‹…› У них были простые, веселые отношения товарищей по искусству, соратников, соавторов, сделавших вместе шесть картин, но вдобавок еще и друзей юности, хотя один был старше другого на четыре года (Габрилович), что, возможно, когда-то имело значение. Уже взрослыми людьми — обоим за тридцать — они встретились для общей работы в кино, и это была знаменитая «Последняя мочь». Райзман сказал мне как-то полушутя, что украл у литературы скорее всего большого писателя: после успеха «Последней ночи» Габрилович, в то время уже многообещающий прозаик, автор нескольких сборников, бросил прозу и с головой ушел в кино. «Это моя вина, я его соблазнил», — говорил Райзман. ‹…›
Работу их с Райзманом мне приходилось наблюдать. Когда-то в Болшеве, в замечательном нашем доме, мы даже начинали втроем «Странную женщину» (третий — автор этих строк — вскоре, по ряду причин, «отпал»). В 11 утра, после завтрака, садились в номере у Евгения Иосифовича. Тот казался уже несколько усталым и рассеянным.

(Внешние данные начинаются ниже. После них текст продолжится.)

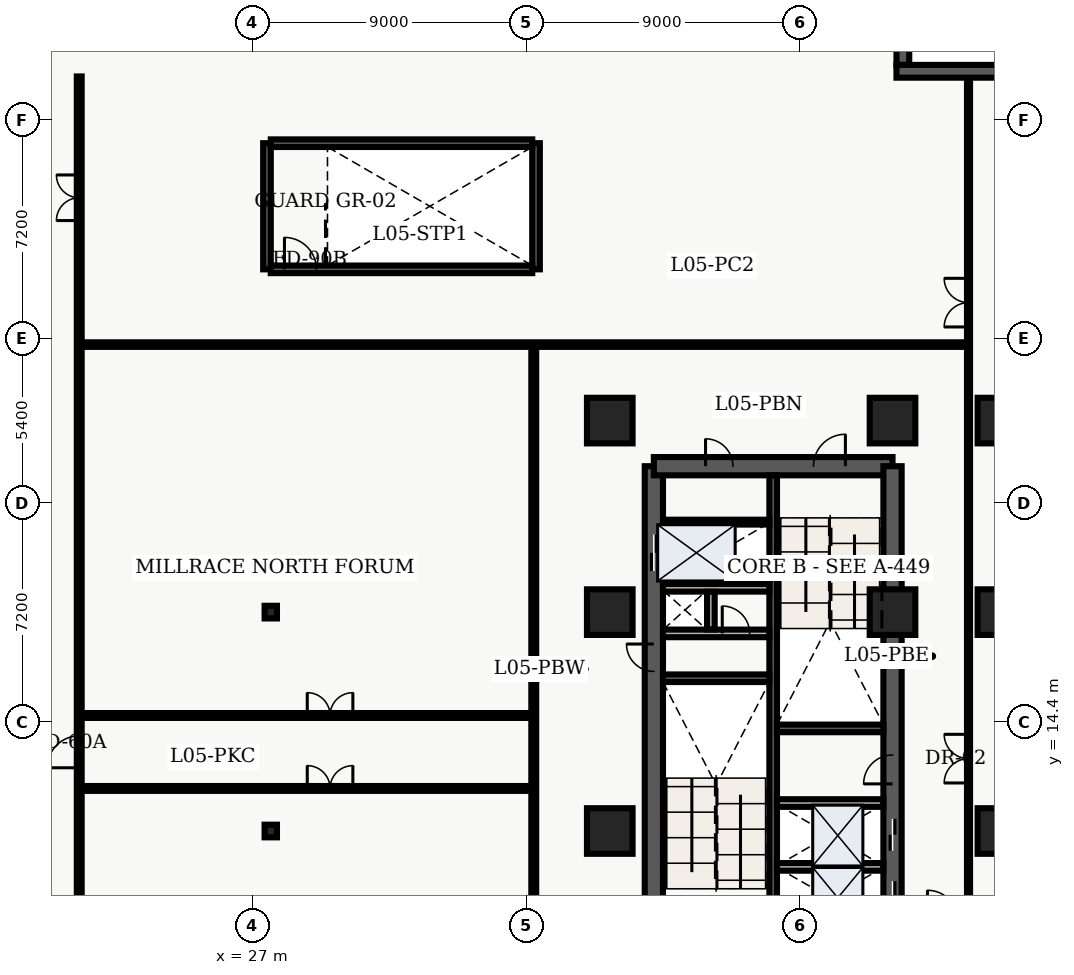
"""IFC4 building model, lengths in metres.
Left out: names, types, materials, properties, quantities, classifications, styles, units other than length and angle.
Written with IfcOpenShell. Run it as: python <this file> out.ifc"""

import sys

from ifc_helpers import new_model, entity, si_unit, converted_unit, direction, frame, origin_with_axes, origin_2d_with_axis, place, context, subcontext, project, spatial, polyline, rectangle, i_section, outline, extrude, element, fill, save


model = new_model("IFC4")
c1 = context("Model", 3, precision=1e-05, world=origin_with_axes(), true_north=direction((0.0, 1.0)))
c2 = subcontext(c1, "Body", "Model", "MODEL_VIEW")
j1 = project(units=[si_unit("LENGTHUNIT", "METRE"), converted_unit("PLANEANGLEUNIT", "DEGREE", entity("IfcPlaneAngleMeasure", 0.017), si_unit("PLANEANGLEUNIT", "RADIAN"), dimensions=[0, 0, 0, 0, 0, 0, 0])], contexts=[c1])
p1 = place(None, origin_with_axes())
s1 = spatial("IfcSite", under=j1, at=p1, CompositionType="ELEMENT")
p2 = place(p1, origin_with_axes())
s2 = spatial("IfcBuilding", under=s1, at=p2, CompositionType="ELEMENT")
p3 = place(p2, frame((0.0, 0.0, 24.3), z_axis=(0.0, 0.0, 1.0), x_axis=(1.0, 0.0, 0.0)))
s3 = spatial("IfcBuildingStorey", under=s2, at=p3, CompositionType="ELEMENT", Elevation=24.3)
p4 = place(p3, frame((40.2, 7.2, 0.0), z_axis=(0.0, 0.0, 1.0), x_axis=(0.0, 1.0, 0.0)))
e1 = element("IfcWall", 1, at=p4, inside=s3, PredefinedType="SHEAR", context=c2, shape_type="SweptSolid", body=[
    extrude(outline(polyline([(0.0, -0.3), (15.6, -0.3), (15.6, 0.3), (0.0, 0.3), (0.0, -0.3)])), origin_with_axes(), (0.0, 0.0, 1.0), 4.2),
])
p5 = place(p4, frame((12.75, 0.0, 0.0), z_axis=(0.0, 0.0, 1.0), x_axis=(1.0, 0.0, 0.0)))
e2 = element("IfcOpeningElement", 2, at=p5, cuts=e1, PredefinedType="OPENING", context=c2, shape_type="SweptSolid", body=[
    extrude(rectangle(XDim=1.2, YDim=0.62, at=origin_2d_with_axis()), origin_with_axes(), (0.0, 0.0, 1.0), 2.15),
])
p6 = place(p4, frame((9.3, 0.0, 0.0), z_axis=(0.0, 0.0, 1.0), x_axis=(1.0, 0.0, 0.0)))
e3 = element("IfcOpeningElement", 3, at=p6, cuts=e1, PredefinedType="OPENING", context=c2, shape_type="SweptSolid", body=[
    extrude(rectangle(XDim=0.9, YDim=0.62, at=origin_2d_with_axis()), origin_with_axes(), (0.0, 0.0, 1.0), 2.15),
])
p7 = place(p3, frame((40.2, 22.8, 0.0), z_axis=(0.0, 0.0, 1.0), x_axis=(1.0, 0.0, 0.0)))
e4 = element("IfcWall", 4, at=p7, inside=s3, PredefinedType="SHEAR", context=c2, shape_type="SweptSolid", body=[
    extrude(outline(polyline([(0.0, -0.3), (7.85, -0.3), (7.85, 0.3), (0.0, 0.3), (0.0, -0.3)])), origin_with_axes(), (0.0, 0.0, 1.0), 4.2),
])
p8 = place(p7, frame((5.775, 0.0, 0.0), z_axis=(0.0, 0.0, 1.0), x_axis=(1.0, 0.0, 0.0)))
e5 = element("IfcOpeningElement", 5, at=p8, cuts=e4, PredefinedType="OPENING", context=c2, shape_type="SweptSolid", body=[
    extrude(rectangle(XDim=1.05, YDim=0.62, at=origin_2d_with_axis()), origin_with_axes(), (0.0, 0.0, 1.0), 2.15),
])
p9 = place(p7, frame((2.15, 0.0, 0.0), z_axis=(0.0, 0.0, 1.0), x_axis=(1.0, 0.0, 0.0)))
e6 = element("IfcOpeningElement", 6, at=p9, cuts=e4, PredefinedType="OPENING", context=c2, shape_type="SweptSolid", body=[
    extrude(rectangle(XDim=0.9, YDim=0.62, at=origin_2d_with_axis()), origin_with_axes(), (0.0, 0.0, 1.0), 2.15),
])
p10 = place(p3, frame((48.05, 7.2, 0.0), z_axis=(0.0, 0.0, 1.0), x_axis=(0.0, 1.0, 0.0)))
e7 = element("IfcWall", 7, at=p10, inside=s3, PredefinedType="SHEAR", context=c2, shape_type="SweptSolid", body=[
    extrude(outline(polyline([(0.0, -0.3), (15.6, -0.3), (15.6, 0.3), (0.0, 0.3), (0.0, -0.3)])), origin_with_axes(), (0.0, 0.0, 1.0), 4.2),
])
p11 = place(p10, frame((1.425, 0.0, 0.0), z_axis=(0.0, 0.0, 1.0), x_axis=(1.0, 0.0, 0.0)))
e8 = element("IfcOpeningElement", 8, at=p11, cuts=e7, PredefinedType="OPENING", context=c2, shape_type="SweptSolid", body=[
    extrude(rectangle(XDim=1.05, YDim=0.62, at=origin_2d_with_axis()), origin_with_axes(), (0.0, 0.0, 1.0), 2.15),
])
p12 = place(p10, frame((3.475, 0.0, 0.0), z_axis=(0.0, 0.0, 1.0), x_axis=(1.0, 0.0, 0.0)))
e9 = element("IfcOpeningElement", 9, at=p12, cuts=e7, PredefinedType="OPENING", context=c2, shape_type="SweptSolid", body=[
    extrude(rectangle(XDim=1.05, YDim=0.62, at=origin_2d_with_axis()), origin_with_axes(), (0.0, 0.0, 1.0), 2.15),
])
p13 = place(p10, frame((5.625, 0.0, 0.0), z_axis=(0.0, 0.0, 1.0), x_axis=(1.0, 0.0, 0.0)))
e10 = element("IfcOpeningElement", 10, at=p13, cuts=e7, PredefinedType="OPENING", context=c2, shape_type="SweptSolid", body=[
    extrude(rectangle(XDim=0.95, YDim=0.62, at=origin_2d_with_axis()), origin_with_axes(), (0.0, 0.0, 1.0), 2.15),
])
p14 = place(p3, frame((44.125, 7.5, 0.0), z_axis=(0.0, 0.0, 1.0), x_axis=(0.0, 1.0, 0.0)))
e11 = element("IfcWall", 11, at=p14, inside=s3, PredefinedType="SHEAR", context=c2, shape_type="SweptSolid", body=[
    extrude(outline(polyline([(0.0, -0.125), (15.0, -0.125), (15.0, 0.125), (0.0, 0.125), (0.0, -0.125)])), origin_with_axes(), (0.0, 0.0, 1.0), 4.2),
])
for number, where, z_axis, x_axis in (
    (12, (40.5, 15.825, 0.0), (0.0, 0.0, 1.0), (1.0, 0.0, 0.0)),
    (13, (44.25, 14.175, 0.0), (0.0, 0.0, 1.0), (1.0, 0.0, 0.0)),
):
    element("IfcWall", number, at=place(p3, frame(where, z_axis=z_axis, x_axis=x_axis)), inside=s3, PredefinedType="SHEAR", context=c2, shape_type="SweptSolid", body=[
        extrude(outline(polyline([(0.0, -0.125), (3.5, -0.125), (3.5, 0.125), (0.0, 0.125), (0.0, -0.125)])), origin_with_axes(), (0.0, 0.0, 1.0), 4.2),
    ])
p15 = place(p3, frame((40.5, 17.3, 0.0), z_axis=(0.0, 0.0, 1.0), x_axis=(1.0, 0.0, 0.0)))
e14 = element("IfcWall", 14, at=p15, inside=s3, PredefinedType="SOLIDWALL", context=c2, shape_type="SweptSolid", body=[
    extrude(outline(polyline([(0.0, -0.125), (3.5, -0.125), (3.5, 0.125), (0.0, 0.125), (0.0, -0.125)])), origin_with_axes(), (0.0, 0.0, 1.0), 3.24),
])
p16 = place(p15, frame((2.4, 0.0, 0.0), z_axis=(0.0, 0.0, 1.0), x_axis=(1.0, 0.0, 0.0)))
e15 = element("IfcOpeningElement", 15, at=p16, cuts=e14, PredefinedType="OPENING", context=c2, shape_type="SweptSolid", body=[
    extrude(rectangle(XDim=0.9, YDim=0.27, at=origin_2d_with_axis()), origin_with_axes(), (0.0, 0.0, 1.0), 2.15),
])
p17 = place(p3, frame((40.5, 18.8, 0.0), z_axis=(0.0, 0.0, 1.0), x_axis=(1.0, 0.0, 0.0)))
e16 = element("IfcWall", 16, at=p17, inside=s3, PredefinedType="SOLIDWALL", context=c2, shape_type="SweptSolid", body=[
    extrude(outline(polyline([(0.0, -0.125), (3.5, -0.125), (3.5, 0.125), (0.0, 0.125), (0.0, -0.125)])), origin_with_axes(), (0.0, 0.0, 1.0), 3.24),
])
p18 = place(p3, frame((42.075, 17.43, 0.0), z_axis=(0.0, 0.0, 1.0), x_axis=(0.0, 1.0, 0.0)))
e17 = element("IfcWall", 17, at=p18, inside=s3, PredefinedType="SOLIDWALL", context=c2, shape_type="SweptSolid", body=[
    extrude(outline(polyline([(0.0, -0.125), (1.24, -0.125), (1.24, 0.125), (0.0, 0.125), (0.0, -0.125)])), origin_with_axes(), (0.0, 0.0, 1.0), 3.24),
])
for number, where, z_axis, x_axis in (
    (18, (27.475, 29.275, 0.0), (0.0, 0.0, 1.0), (0.0, 1.0, 0.0)),
    (19, (36.325, 29.275, 0.0), (0.0, 0.0, 1.0), (0.0, 1.0, 0.0)),
):
    element("IfcWall", number, at=place(p3, frame(where, z_axis=z_axis, x_axis=x_axis)), inside=s3, PredefinedType="SHEAR", context=c2, shape_type="SweptSolid", body=[
        extrude(outline(polyline([(0.0, -0.125), (4.15, -0.125), (4.15, 0.125), (0.0, 0.125), (0.0, -0.125)])), origin_with_axes(), (0.0, 0.0, 1.0), 4.2),
    ])
p19 = place(p3, frame((27.6, 29.275, 0.0), z_axis=(0.0, 0.0, 1.0), x_axis=(1.0, 0.0, 0.0)))
e20 = element("IfcWall", 20, at=p19, inside=s3, PredefinedType="SHEAR", context=c2, shape_type="SweptSolid", body=[
    extrude(outline(polyline([(0.0, -0.125), (8.6, -0.125), (8.6, 0.125), (0.0, 0.125), (0.0, -0.125)])), origin_with_axes(), (0.0, 0.0, 1.0), 4.2),
])
p20 = place(p19, frame((0.975, 0.0, 0.0), z_axis=(0.0, 0.0, 1.0), x_axis=(1.0, 0.0, 0.0)))
e21 = element("IfcOpeningElement", 21, at=p20, cuts=e20, PredefinedType="OPENING", context=c2, shape_type="SweptSolid", body=[
    extrude(rectangle(XDim=1.05, YDim=0.27, at=origin_2d_with_axis()), origin_with_axes(), (0.0, 0.0, 1.0), 2.15),
])
p21 = place(p3, frame((27.6, 33.425, 0.0), z_axis=(0.0, 0.0, 1.0), x_axis=(1.0, 0.0, 0.0)))
e22 = element("IfcWall", 22, at=p21, inside=s3, PredefinedType="SHEAR", context=c2, shape_type="SweptSolid", body=[
    extrude(outline(polyline([(0.0, -0.125), (8.6, -0.125), (8.6, 0.125), (0.0, 0.125), (0.0, -0.125)])), origin_with_axes(), (0.0, 0.0, 1.0), 4.2),
])
for number, where, z_axis, x_axis in (
    (23, (27.6, 10.8, 0.0), (0.0, 0.0, 1.0), (1.0, 0.0, 0.0)),
    (24, (27.6, 18.0, 0.0), (0.0, 0.0, 1.0), (1.0, 0.0, 0.0)),
):
    element("IfcColumn", number, at=place(p3, frame(where, z_axis=z_axis, x_axis=x_axis)), inside=s3, PredefinedType="COLUMN", context=c2, shape_type="SweptSolid", body=[
        extrude(i_section(OverallWidth=0.406, OverallDepth=0.416, WebThickness=0.03, FlangeThickness=0.048, FilletRadius=0.022, at=origin_2d_with_axis()), origin_with_axes(), (0.0, 0.0, 1.0), 4.5),
    ])
for number, where, z_axis, x_axis in (
    (25, (38.75, 10.8, 0.0), (0.0, 0.0, 1.0), (1.0, 0.0, 0.0)),
    (26, (38.75, 18.0, 0.0), (0.0, 0.0, 1.0), (1.0, 0.0, 0.0)),
    (27, (38.75, 24.3, 0.0), (0.0, 0.0, 1.0), (1.0, 0.0, 0.0)),
    (28, (48.05, 18.0, 0.0), (0.0, 0.0, 1.0), (1.0, 0.0, 0.0)),
    (29, (48.05, 24.3, 0.0), (0.0, 0.0, 1.0), (1.0, 0.0, 0.0)),
    (30, (51.6, 10.8, 0.0), (0.0, 0.0, 1.0), (1.0, 0.0, 0.0)),
    (31, (51.6, 18.0, 0.0), (0.0, 0.0, 1.0), (1.0, 0.0, 0.0)),
    (32, (51.6, 24.3, 0.0), (0.0, 0.0, 1.0), (1.0, 0.0, 0.0)),
):
    element("IfcColumn", number, at=place(p3, frame(where, z_axis=z_axis, x_axis=x_axis)), inside=s3, PredefinedType="COLUMN", context=c2, shape_type="SweptSolid", body=[
        extrude(rectangle(XDim=1.5, YDim=1.5, at=origin_2d_with_axis()), origin_with_axes(), (0.0, 0.0, 1.0), 4.5),
    ])
p22 = place(p3, frame((40.5, 20.96, 0.0), z_axis=(0.0, 0.0, 1.0), x_axis=(1.0, 0.0, 0.0)))
e33 = element("IfcWall", 33, at=p22, inside=s3, PredefinedType="PARTITIONING", context=c2, shape_type="SweptSolid", body=[
    extrude(outline(polyline([(0.0, -0.08), (3.5, -0.08), (3.5, 0.08), (0.0, 0.08), (0.0, -0.08)])), origin_with_axes(), (0.0, 0.0, 1.0), 3.2),
])
for number, where, z_axis, x_axis in (
    (34, (44.25, 9.62, 0.0), (0.0, 0.0, 1.0), (1.0, 0.0, 0.0)),
    (35, (44.25, 11.72, 0.0), (0.0, 0.0, 1.0), (1.0, 0.0, 0.0)),
):
    element("IfcWall", number, at=place(p3, frame(where, z_axis=z_axis, x_axis=x_axis)), inside=s3, PredefinedType="SOLIDWALL", context=c2, shape_type="SweptSolid", body=[
        extrude(outline(polyline([(0.0, -0.125), (3.5, -0.125), (3.5, 0.125), (0.0, 0.125), (0.0, -0.125)])), origin_with_axes(), (0.0, 0.0, 1.0), 3.2),
    ])
p23 = place(p3, frame((21.3, 0.38, 0.0), z_axis=(0.0, 0.0, 1.0), x_axis=(0.0, 1.0, 0.0)))
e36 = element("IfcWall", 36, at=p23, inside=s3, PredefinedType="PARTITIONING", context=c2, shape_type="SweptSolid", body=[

И было от чего: в 6 утра у меня за стенкой — мы жили в соседних номерах — начинала стучать его машинка: Габрилович писал свою мемуарную прозу. Это держалось в секрете от нашего режиссера: «Не говорите плантатору!», — предупреждал меня Габрилович. Иначе как плантатором он своего друга не называл (разумеется, за глаза). Плантатор наш и впрямь был жесток и неумолим. Он беспощадно браковал наши первые варианты, требуя новых и новых, еще и еще, и успокаивался где- то на шестом или седьмом. (Со временем, работая с ним, я наловчился подкладывать свой первый вариант как якобы десятый, и это иногда сходило). Ему важно было чувствовать, что ты выкладываешься, работаешь до седьмого пота, начальный же вариант, набросок, был всегда подозрительным, как «халтура», хотя, случалось, бывал самым удачным... Сам Райзман, как уже сказано, пером водить не любил, но сочинял, импровизировал всегда охотно и часто очень здорово, оставалось только записывать за ним.
Итак, Райзман импровизировал, Габрилович записывал на клочке бумаги, потом, выпроводив нас, тут же садился за машинку, и через час текст был готов. Это был вроде тот же, только что оговоренный, но уже другой текст. К нему прикоснулась рука мастера. ‹…›
С Райзманом они были очень разными по-человечески. Мягкий, податливый, склонный к компромиссу Евгений Иосифович (о чем им самим с поразительной откровенностью написано) и — твердый, безукоризненно вежливый и выдержанный, холодно-неуступчивый Юлий Яковлевич. ‹…›
Гребнев А. «Мы многое сделали из того, что хотели сделать» // Культура. 1995. 27 мая.